The basic problem is that the code that determines whether to send a given annotation update to a client is incredibly slow. Each update is checked against every single connected websocket to determine if it should be sent to that client, and each of these checks executes complicated filter code based on the clients permissions and the “filter” they’ve sent down the websocket.

How can we fix it?

There are a number of approaches we can take here:

Reduce the number of open websocket connections.

This might sound silly, but a large number of the open websocket connections — more than 95% of them at last count — are from logged-out users. It seems likely that most of these, in turn, are just Hypothesis embeds on a page which nobody has interacted with.

We should probably not initiate websocket connections until someone interacts with a Hypothesis embed. Otherwise we’ll end up with a number of websocket connections roughly equivalent to the number of online users of all of the websites that embed us. That sounds like a fun scaling problem but probably one we should avoid if we can.
Handle annotation create/update/deletes more quickly.

This seems like a pressing need regardless of item 1. It should be possible for us to handle many thousands of websocket connections per worker without taking 30 seconds to handle each event.

One way of doing this would be to store percolation queries for each client in Elasticsearch and then do a single query to retrieve the IDs of all connected clients which should receive a document. We can even perform the query by reference to annotation already in the index rather than by POSTing the annotation data.

Next steps

In my opinion we should look into item 1 soon as it’s relatively easy and will buy us time.

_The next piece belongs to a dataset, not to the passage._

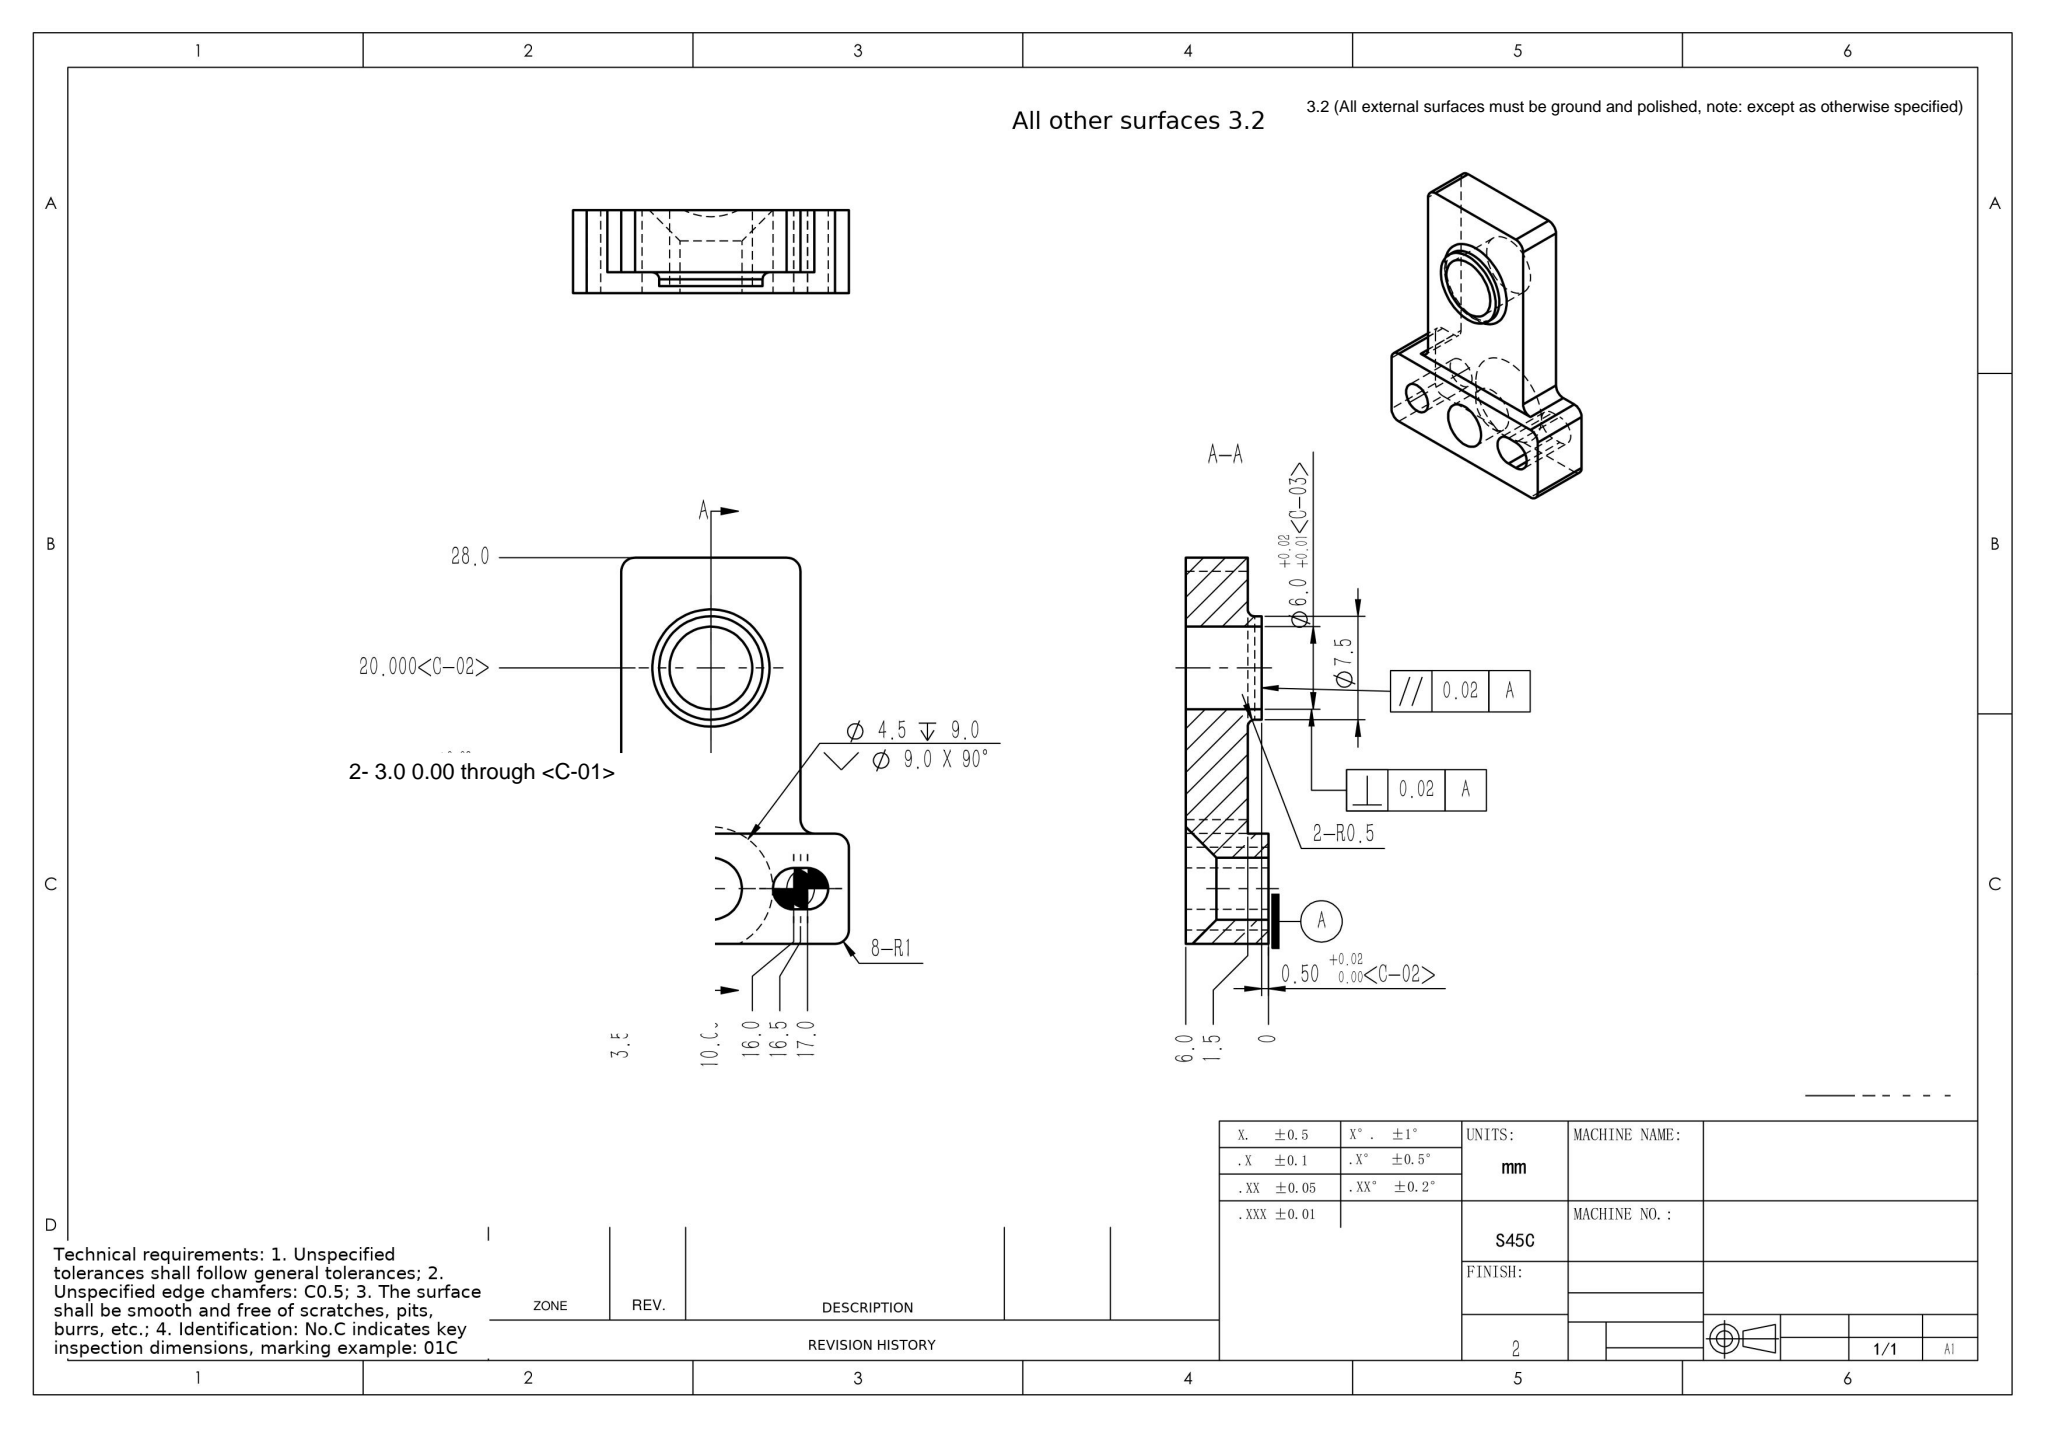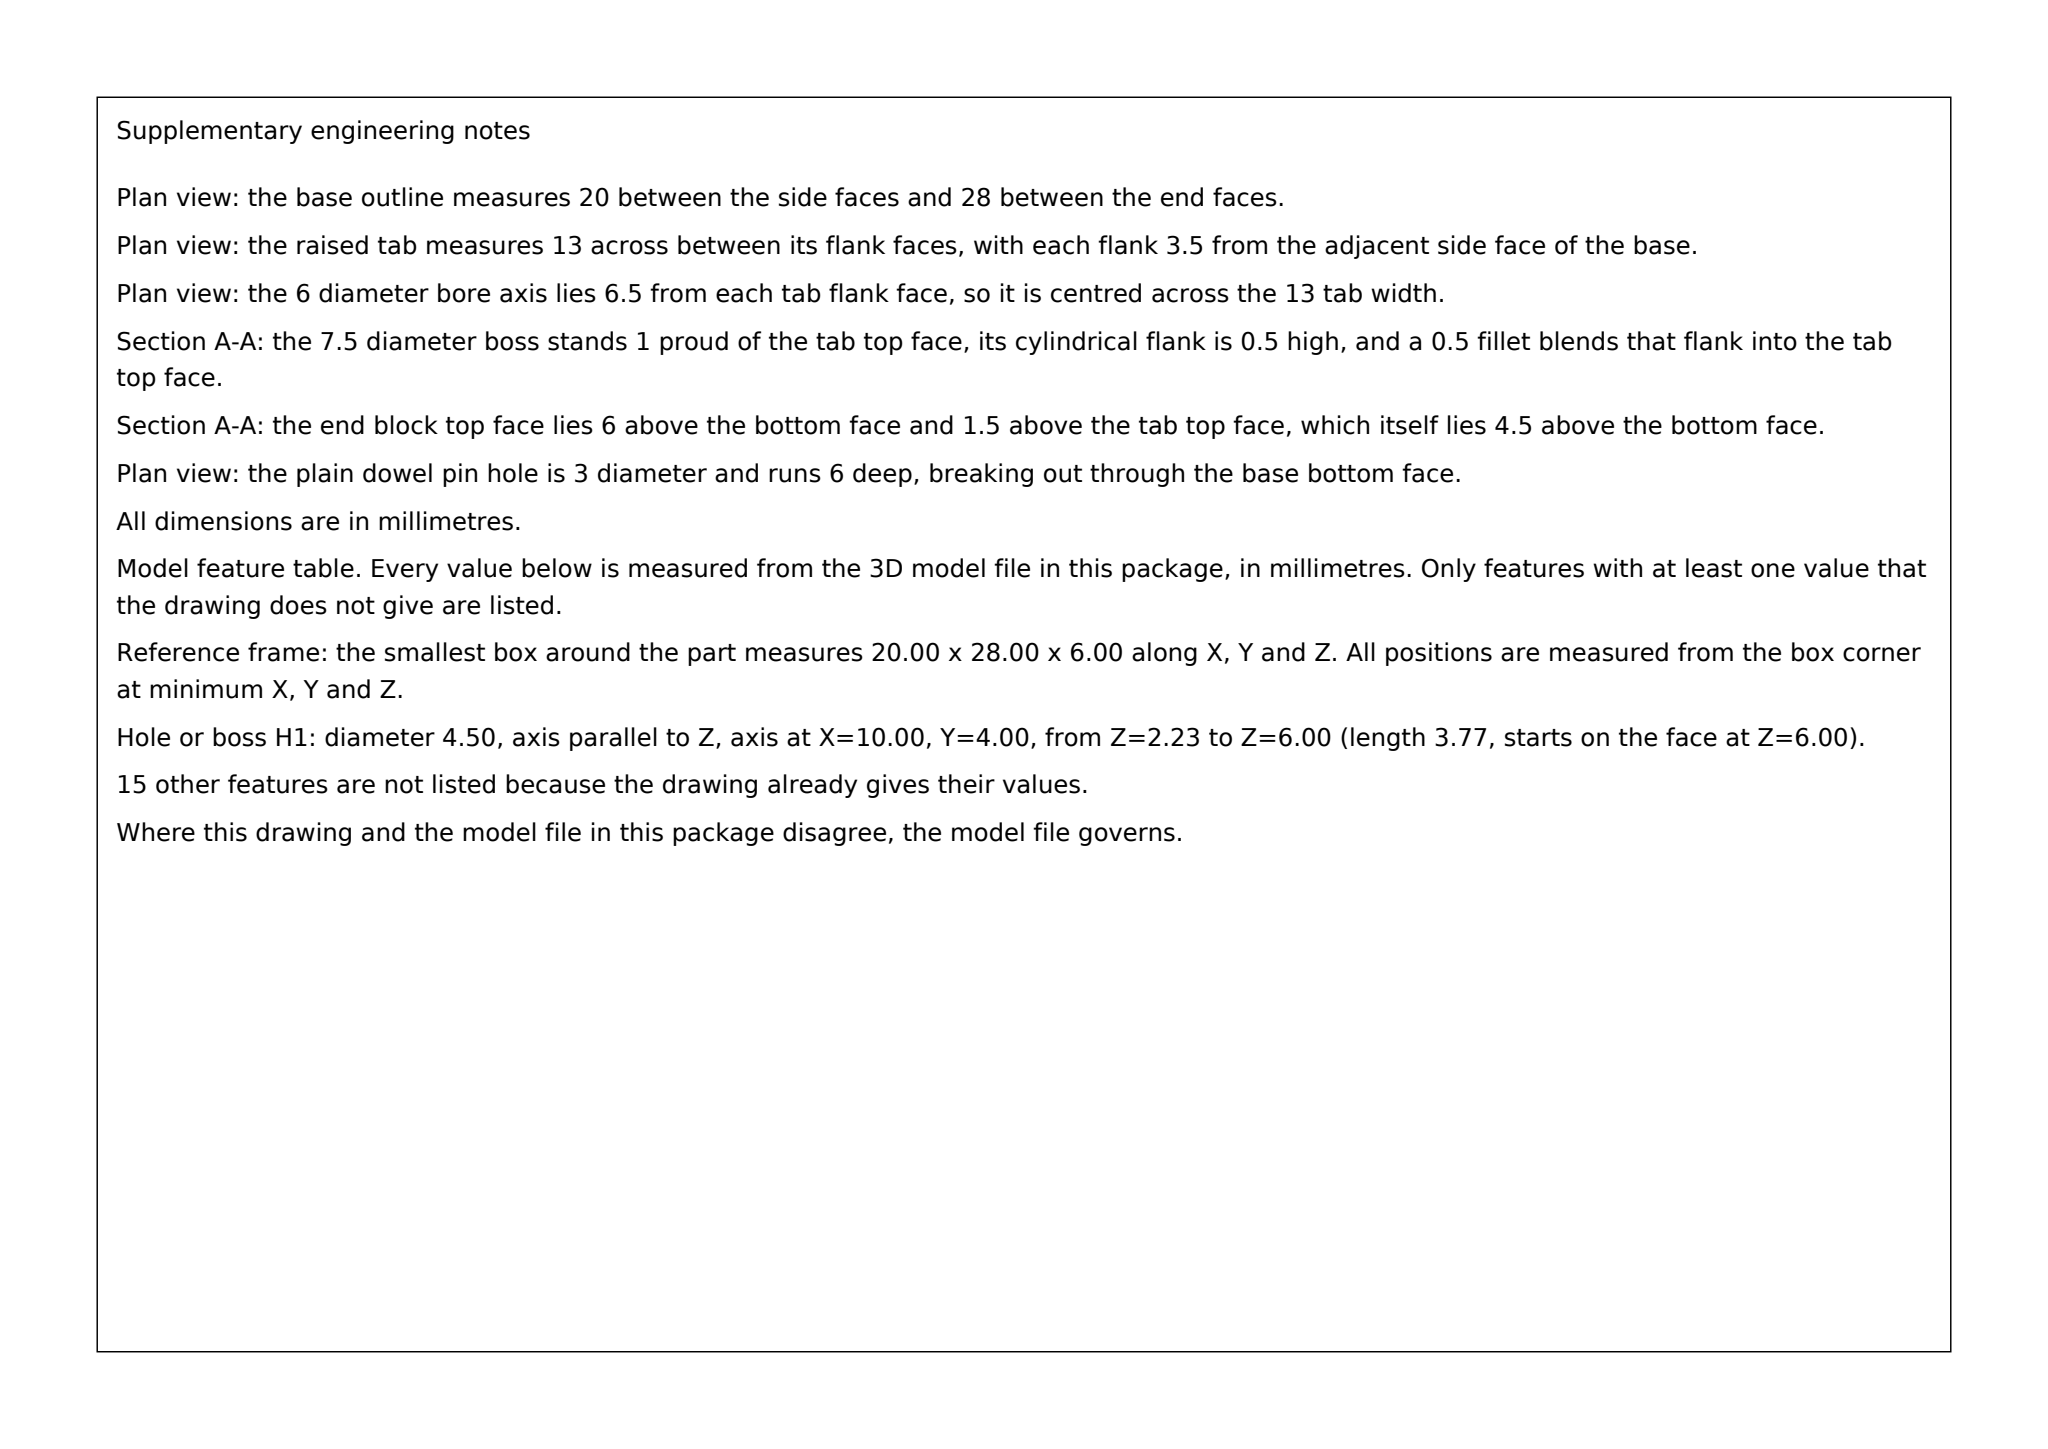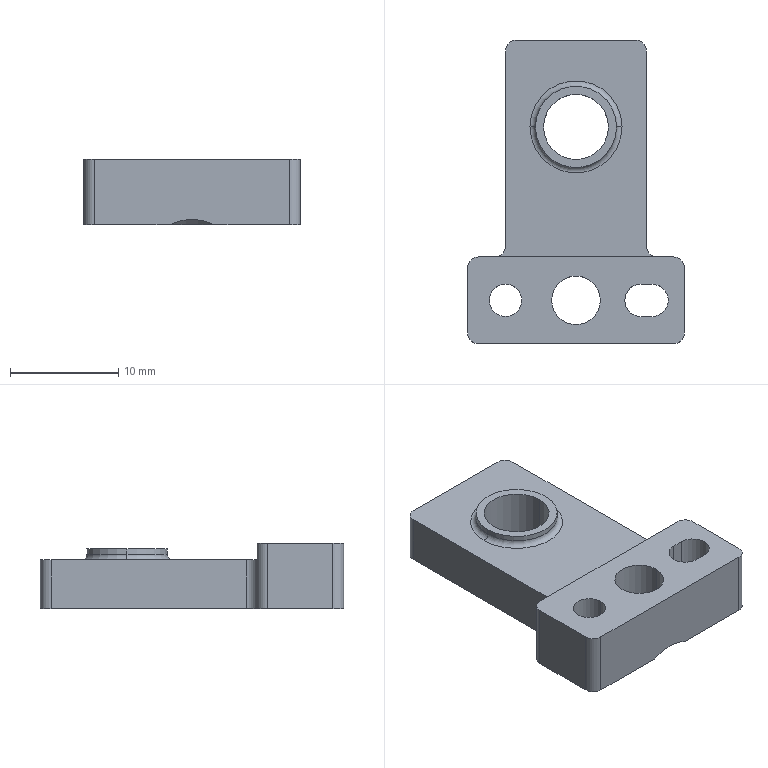Part | SolidWorks | mm | 1 solid | 36 faces | box 20 x 28 x 6 mm | volume 1770 mm3 | cylinder 19 | plane 13 | cone 2 | torus 2 | commonest cylinder face diameters 2 x8 3 x5 4.5 x2 7.5 x2 6 x2
Drawing notes:
Right base feature is an obround slot: 3.0 wide THRU 6.0, R1.5 end radii centered at X16.0 and X17.0, Y4.5 from base min-corner datum; overall slot length 4.0 | from the solid: cylinders: two 180-deg concave arcs dia 3.0, axis z at [16.0, 4.5] and [17.0, 4.5], from z0.0 to z6.0; axis_planes y=3.0 and y=6.0 each with extent x[16.0,17.0], z[0.0,6.0] (slot side walls, 3.0 wide, ends 14.5 to 18.5 = 4.0 long)
UPRIGHT PLATE THICKNESS 4.5 (Z0 to Z4.5); BASE THICKNESS 6.0 (Z0 to Z6.0) | from the solid: axis_planes: z=4.5 extent x[2.5,17.5] y[8.5,28.5]; x=3.5 and x=16.5 extents z[0.0,4.5]; z=6.0 extent x[0,20] y[0.5,8.5]
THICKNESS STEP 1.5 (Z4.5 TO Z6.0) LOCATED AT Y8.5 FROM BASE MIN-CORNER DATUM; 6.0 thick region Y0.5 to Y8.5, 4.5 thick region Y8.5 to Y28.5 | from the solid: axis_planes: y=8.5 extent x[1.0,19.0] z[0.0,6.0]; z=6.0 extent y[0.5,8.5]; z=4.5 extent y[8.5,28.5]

Item 2 is more complicated, and in particular will probably be achieved most easily by providing a query parser that can map queries coming from the client streamer code into ElasticSearch queries. This will probably require changes to the client and to the server and will require some careful design for rollout on account of old(er) clients. I have some thoughts on this but this document is plenty long enough already.

We should start doing some of the groundwork for item 2 now, and I’ll be breaking some of that out into cards. But item 1 should buy us enough time that we’re not looking to replace the entire streamer implementation in a matter of days.